De oude Remi vertelt deze verhalen aan een student die hem na jaren weer heeft opgezocht omdat hij zijn scriptie over een angstpsychose voor krokodillen van de Yaka’s in voormalig Congo alsnog wil afmaken. Deze student reist voor zijn onderzoek naar het huidige Congo om te kijken en te ondergaan wat er nog terug te vinden is van het leven dat zijn oude leermeester daar ooit leidde. En van diens verlangen naar betekenis.

Ik merk dat ik deze roman hierboven terugbracht tot een tamelijk abstracte zoektocht naar ‘het ware’. Maar daarmee kom je er niet, zo’n samenvatting neemt alle kracht ervan weg.

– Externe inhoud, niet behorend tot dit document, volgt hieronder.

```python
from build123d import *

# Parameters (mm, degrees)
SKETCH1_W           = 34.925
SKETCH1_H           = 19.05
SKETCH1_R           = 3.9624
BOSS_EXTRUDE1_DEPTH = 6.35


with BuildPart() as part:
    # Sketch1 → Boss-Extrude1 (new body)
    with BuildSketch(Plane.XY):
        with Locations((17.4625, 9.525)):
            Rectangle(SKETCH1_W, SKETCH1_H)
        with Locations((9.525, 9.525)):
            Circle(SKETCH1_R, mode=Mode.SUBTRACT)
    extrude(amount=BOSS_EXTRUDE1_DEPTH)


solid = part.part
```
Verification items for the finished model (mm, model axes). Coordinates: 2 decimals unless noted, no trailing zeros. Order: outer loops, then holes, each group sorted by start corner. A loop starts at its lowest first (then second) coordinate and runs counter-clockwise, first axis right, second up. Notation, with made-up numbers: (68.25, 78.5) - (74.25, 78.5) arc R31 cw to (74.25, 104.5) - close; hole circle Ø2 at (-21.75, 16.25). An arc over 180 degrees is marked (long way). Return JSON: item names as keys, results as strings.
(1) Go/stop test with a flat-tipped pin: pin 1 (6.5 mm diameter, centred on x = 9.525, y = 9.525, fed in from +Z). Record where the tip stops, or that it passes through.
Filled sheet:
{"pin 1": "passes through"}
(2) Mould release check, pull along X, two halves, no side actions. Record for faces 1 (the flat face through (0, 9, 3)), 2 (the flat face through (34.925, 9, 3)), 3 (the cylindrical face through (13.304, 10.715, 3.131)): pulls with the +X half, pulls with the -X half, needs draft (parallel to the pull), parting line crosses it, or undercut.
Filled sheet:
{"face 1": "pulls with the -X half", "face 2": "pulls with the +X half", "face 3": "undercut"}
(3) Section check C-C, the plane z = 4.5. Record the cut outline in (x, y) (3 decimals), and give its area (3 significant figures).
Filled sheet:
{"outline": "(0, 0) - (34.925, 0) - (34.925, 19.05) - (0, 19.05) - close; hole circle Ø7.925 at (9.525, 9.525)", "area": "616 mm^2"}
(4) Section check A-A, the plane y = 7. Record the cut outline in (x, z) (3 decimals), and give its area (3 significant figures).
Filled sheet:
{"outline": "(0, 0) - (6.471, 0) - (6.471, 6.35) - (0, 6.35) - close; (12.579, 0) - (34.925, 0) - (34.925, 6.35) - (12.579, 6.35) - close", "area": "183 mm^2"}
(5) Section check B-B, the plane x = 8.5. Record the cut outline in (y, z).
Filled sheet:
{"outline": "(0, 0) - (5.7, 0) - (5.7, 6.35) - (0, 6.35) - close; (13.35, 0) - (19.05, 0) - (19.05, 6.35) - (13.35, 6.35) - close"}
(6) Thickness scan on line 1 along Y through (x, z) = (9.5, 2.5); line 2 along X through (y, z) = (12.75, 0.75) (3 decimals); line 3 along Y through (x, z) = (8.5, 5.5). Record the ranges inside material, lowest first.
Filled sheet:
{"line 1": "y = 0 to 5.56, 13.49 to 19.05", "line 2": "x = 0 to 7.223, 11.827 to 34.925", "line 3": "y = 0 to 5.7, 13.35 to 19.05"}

Vergeet het allemaal maar. Dit is een concrete roman over het ‘gewone’ leven van paters in Congo, lang geleden, en daar dus het ongewone van. Wat dreef hen, hoe keken ze, wat dachten ze? We kijken naar ze met de ogen van Remi en zijn latere student, met de ogen van de schrijver bedoel ik natuurlijk: we kijken naar de mensen daar, de kolonialen, de landschappen en de raadselachtige gebeurtenissen. Dit boek is geen antropologische studie naar gebruiken van vreemde stammen, maar een poging het gewone van een samenleving, ook onze samenleving, in een ander en betekenisvoller licht te zien.

Peeters zette hiertoe een stijl in die op zoek is naar magie, een betere term weet ik zo gauw niet. Hij zoekt haar, al zijn personages zoeken haar, de roman is er helemaal van vervuld. Op zoek naar magie. Hij ziet haar, niet alleen in de dansen en de rituelen vroeger en nu van de Yaka’s in Congo. Ook hier, nu, overal: ‘Onderweg, langs de lange uitgestrekte weg voorbij Waver, verscheen een fel verlicht voetbalveld.’ ‘Toen de zon opkwam boven de Yitaanda dampte de wereld.’ Literatuur is magie en Peeters is een belangrijke tovenaar.